À propos de l’exposition « Gribouillage » à la Villa Médicis.



Le communiqué de presse promettait pourtant « une exposition événement » en réunissant des artistes aussi prestigieux que Bellini, Léonard de Vinci, Michel-Ange, Titien, Bernin, Delacroix, Picasso, Dubuffet, Cy Twombly et tant d’autres. Finalement, peu d’œuvres remarquables, ou disons, beaucoup d’œuvres secondaires. Admettons qu’il faille attirer les foules à grand renfort de noms illustres, cela ne poserait que le problème d’une forme devenue habituelle de name-dropping. La surprise et la déception viennent d'ailleurs : "Gribouillage" n'est pas une exposition artistique, mais sociologique, documentaire, théorique. Une exposition, surtout, qui à force de digresser sur ce qui se passe autour, à force d’errer dans la marge, manque sa cible.

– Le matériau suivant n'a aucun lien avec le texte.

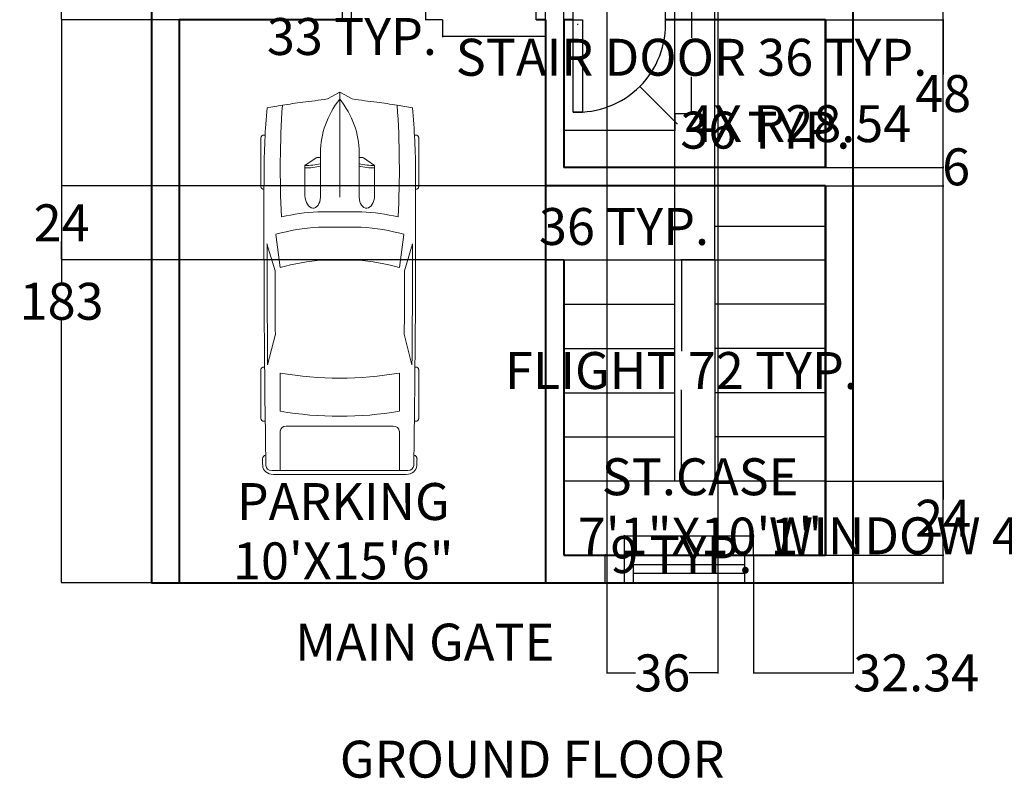
# Model space of a CAD drawing. Units: inches. Extents: x -124 to 612, y -69 to 524.
# Tile 1 of 9: x -33 to 287, y -56 to 190. Entities that reach past the tile are written whole.
import ezdxf
from ezdxf.enums import TextEntityAlignment as Align

# ---------------------------------------------------------------- set-up
doc = ezdxf.new("R2010")
doc.units = ezdxf.units.IN
doc.header["$MEASUREMENT"] = 0
doc.layers.add('5', color=5, linetype='Continuous')
for name, color, linetype, lineweight in [('A-ANNO-DIMS', 2, 'Continuous', 18), ('A-ANNO-TEXT', 1, 'Continuous', 18), ('A-AREA-IDEN', 1, 'Continuous', 18), ('A-DOOR', 4, 'Continuous', 25), ('A-FLOR-STRS', 2, 'Continuous', 25), ('A-GLAZ', 5, 'Continuous', 18), ('A-SITE-VEHI', 8, 'Continuous', 13), ('A-WALL', 7, 'Continuous', 40)]:
    doc.layers.add(name, color=color, linetype=linetype, lineweight=lineweight)
doc.styles.get("Standard").update_dxf_attribs({"font": 'arial.ttf'})
doc.dimstyles.get("Standard").update_dxf_attribs({"dimtxt": 12, "dimasz": 0.18, "dimexe": 0.18, "dimexo": 0.0625, "dimgap": 0.09, "dimtad": 0, "dimtih": 1, "dimtoh": 1, "dimdec": 0, "dimzin": 0, "dimdsep": 46, "dimlunit": 4, "dimtxsty": 'Standard', "dimcen": 0.09, "dimadec": 0, "dimazin": 0, "dimtfac": 1, "dimtdec": 0, "dimtofl": 0, "dimtmove": 0, "dimatfit": 3, "dimfxl": 1, "dimtolj": 1, "dimtzin": 0, "dimarcsym": 0})

# ---------------------------------------------------------------- blocks, each defined once
blk = doc.blocks.new('*U10')
for p, q in [((1182, 988), (568, 988)), ((3472, 988), (4087, 988)), ((536, 950), (536, 936)), ((1214, 950), (1214, 950)), ((2235, 810), (1899, 912)), ((3412, 904), (3030, 807)), ((3440, 942), (3440, 950)), ((4119, 950), (4119, 934)), ((1779, 801), (2195, 746)), ((3516, 746), (3994, 746)), ((4736, 746), (4242, 746)), ((4736, -851), (4736, 851)), ((4785, -832), (4785, 832)), ((4179, 670), (4179, -670)), ((820, 295), (918, 436)), ((918, 436), (1294, 436)), ((816, 241), (816, 283)), ((1496, -274), (1496, 274)), ((1690, -267), (1690, 267)), ((4736, -267), (4736, 267)), ((83, 156), (3, 10)), ((756, 241), (1313, 241)), ((2102, 216), (2102, -216)), ((0, 0), (1313, 0)), ((3, -10), (83, -156)), ((756, -241), (1313, -241)), ((816, -241), (816, -283)), ((820, -295), (918, -436)), ((918, -436), (1294, -436)), ((2195, -746), (1779, -801)), ((2235, -810), (1899, -912)), ((3412, -904), (3030, -807)), ((3994, -746), (3516, -746)), ((4242, -746), (4736, -746)), ((536, -950), (536, -936)), ((1214, -950), (1214, -950)), ((3440, -942), (3440, -950)), ((4119, -950), (4119, -934)), ((1182, -988), (568, -988)), ((3472, -988), (4087, -988))]:
    blk.add_line(p, q)
for centre, major_axis, ratio, start_param, end_param in [((568, 950), (0, -37.6), 0.842304, 3.141593, 4.712389), ((1182, 950), (0, 37.6), 0.842304, -1.570796, 0), ((3472, 950), (0, -37.6), 0.842304, 3.141593, 4.712389), ((4087, 950), (0, 37.6), 0.842304, -1.570796, 0), ((6757, -699), (0, 7958), 0.842304, 1.367076, 1.39176), ((1046, -12468), (0, 13417), 0.842304, 0.00281, 0.075598), ((1638, -268113), (0, 269063), 0.842304, -0.013397, 0.002797), ((1638, -268113), (0, -269025), 0.842304, 3.133765, 3.140441), ((4588, 910), (0, 56.4), 0.842304, -0.013017, 1.249894), ((1638, -268131), (0, 269121), 0.842304, -0.013397, -0.013017), ((4673, 851), (0, -75.2), 0.842304, 1.570796, 3.128196), ((4673, 832), (0, -133), 0.842304, 1.570796, 3.128196), ((952, -15087), (0, -15833), 0.842304, 3.096046, 3.200911), ((3436, 137), (0, 2077), 0.842304, 1.245306, 1.50788), ((3800, 71), (0, -2021), 0.842304, 4.372215, 4.640744), ((2433, -93125), (0, -93935), 0.842304, 3.134049, 3.144098), ((434, 0), (0, 3734), 0.842304, 4.511394, 4.913384), ((912, 0), (0, 3734), 0.842304, 4.511394, 4.913384), ((4242, 670), (0, 75.2), 0.842304, 0, 1.570796), ((6583, -699), (0, -7755), 0.842304, 4.528606, 4.561838), ((3414, 137), (0, -2280), 0.842304, 4.449482, 4.652344), ((-5194, 1331), (0, -6374), 0.842304, 1.385369, 1.434372), ((331, 432), (0, 696), 0.842304, 4.435146, 4.718221), ((361, 432), (0, 696), 0.842304, 4.435146, 4.718221), ((1290, 339), (161, -9), 0.603834, -1.395552, 1.581315), ((832, 283), (0, 18.8), 0.842304, 0.879714, 1.570796), ((756, -1185), (0, 1427), 0.842304, 0, 0.590319), ((16, 0), (0, -18.8), 0.842304, 4.131459, 5.293319), ((756, 1185), (0, 1427), 0.842304, 2.551274, 3.141593), ((-5194, -1331), (0, 6374), 0.842304, -1.434372, -1.385369), ((331, -432), (0, -696), 0.842304, 1.564964, 1.848039), ((361, -432), (0, -696), 0.842304, 1.564964, 1.848039), ((3800, -71), (0, -2021), 0.842304, -1.499151, -1.230623), ((832, -283), (0, -18.8), 0.842304, 4.712389, 5.403472), ((3414, -137), (0, -2280), 0.842304, -1.510751, -1.307889), ((3436, -137), (0, -2077), 0.842304, -1.50788, -1.245306), ((6583, 699), (0, 7755), 0.842304, 1.721348, 1.754579), ((6757, 699), (0, 7958), 0.842304, 1.749832, 1.774517), ((952, 15087), (0, -15833), 0.842304, -0.059319, 0.045547), ((4242, -670), (0, -75.2), 0.842304, 4.712389, 6.283185), ((2433, 93125), (0, -93935), 0.842304, -0.002505, 0.007544), ((4673, -851), (0, 75.2), 0.842304, 3.15499, 4.712389), ((4673, -832), (0, -133), 0.842304, 0.013397, 1.570796), ((1046, 12468), (0, -13417), 0.842304, -0.075598, -0.00281), ((568, -950), (0, 37.6), 0.842304, 1.570796, 3.141593), ((1638, 268113), (0, 269063), 0.842304, 3.138796, 3.15499), ((1182, -950), (0, -37.6), 0.842304, 0, 1.570796), ((1638, 268113), (0, -269025), 0.842304, 0.001152, 0.007828), ((3472, -950), (0, -37.6), 0.842304, -1.570796, 0), ((4087, -950), (0, 37.6), 0.842304, 3.141593, 4.712389), ((4588, -910), (0, -56.4), 0.842304, -1.249894, 0.013017), ((1638, 268131), (0, 269121), 0.842304, 3.15461, 3.15499)]:
    blk.add_ellipse(centre, major_axis=major_axis, ratio=ratio, start_param=start_param, end_param=end_param)
at = {"extrusion": (0, 0, -1)}
blk.add_ellipse((1290, -339), major_axis=(161, 9), ratio=0.603834, start_param=-1.395552, end_param=1.581315, dxfattribs=at)
blk = doc.blocks.new('V')
at = {"layer": '5'}
for p, q in [((0, 0), (0, 9)), ((3, 9), (39, 9)), ((3, 0), (3, 9)), ((39, 9), (39, 0)), ((42, 9), (42, 0)), ((3, 6), (39, 6)), ((39, 3), (3, 3)), ((39, 0), (3, 0))]:
    blk.add_line(p, q, dxfattribs=at)
blk = doc.blocks.new('DOOR-30IN-STAIR')
for p, q in [((0, 30.04), (0, 36.04)), ((3, 30.04), (3, 36.04)), ((33, 30.04), (33, 36.04)), ((36, 30.04), (36, 36.04))]:
    blk.add_line(p, q)
blk.add_lwpolyline([(3, 30.04), (6, 30.04), (6, 0.04), (3, 0.04)], close=True)
blk.add_arc((4.5, 28.54), 28.54, 266.9872, 3.0128)
blk = doc.blocks.new('DOOR-30IN-ENTRY-LEAF')
for p, q in [((0, 0), (0, 6)), ((3, 0), (3, 6))]:
    blk.add_line(p, q)
blk.add_lwpolyline([(3, 6), (6, 6), (6, 36), (3, 36)], close=True)
blk.add_arc((4.5, 7.5), 28.54, 356.9872, 93.0128)
blk = doc.blocks.new('STAIR-FLIGHT-36IN')
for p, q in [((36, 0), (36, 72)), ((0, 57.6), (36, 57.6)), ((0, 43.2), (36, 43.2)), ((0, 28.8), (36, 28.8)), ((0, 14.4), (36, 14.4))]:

S’il fallait en résumer le propos, le voici : de tout temps, en tout lieu et sur tous les supports, les artistes ont griffonné, dessiné, écrit, etc. Et pour développer ce truisme, quoi de mieux qu’une notion suffisamment vague pour être mise en perspective avec à peu près tout ? En l’occurrence, le gribouillage. Mais qu’est-ce que cela ? À en croire les commissaires de l’exposition, principalement des productions se tenant « hors de la règle du dessin », « à la marge », des œuvres « libérées de toutes contraintes » et dont les formes grossières, hâtives, schématiques ou régressives suffisent à les rassembler. Dans notre cas précis, citons : des ébauches préparatoires, des caricatures, des esquisses, des annotations, des graffitis, un vrai dessin d’enfant (sorti des collections du Centre Pompidou pour l’occasion), des œuvres sur papier signées Cy Twombly, Pierre Alechinsky, Pierrette Bloch ou encore Jean-Michel Basquiat, des peintures, des photographies et même des vidéos.


Vue des deux premières salles réunissant pans de murs, peintures, photographies, carnets et dessins. Au centre, on aperçoit les deux panneaux latéraux du Triptyque de la Madone (1464-1470) de Giovanni Bellini, dont la présentation sur socle permet de découvrir les études de corps et les têtes grotesques dessinées par l’artiste au verso. Photographie © Daniele Molajoli



Un titre sans sujet et un parcours cousu de fil blanc.


L’exposition réunit ainsi une centaine d’œuvres et de documents, sans jamais parvenir à définir précisément les contours de son sujet. La confusion règne autour de ce titre tapageur : faut-il considérer comme un gribouillage le dessin de Léonard de Vinci représentant avec force détails un profil de vieillard sur le mode de la caricature ? Si Pierrette Bloch revendique effectivement une pratique « gribouillée », pas certain qu’il en soit de même pour Henri Michaux, dont les dessins sous mescaline relèvent davantage de la vision que de l’automatisme. Et que penser de cette étonnante peinture de Francesco Caroto, où l’on voit un jeune homme (peint de la meilleure manière) tenant un dessin d’enfant (un jeu, pour le peintre, que de représenter avec autant de réalisme et d’application un tel sujet) ?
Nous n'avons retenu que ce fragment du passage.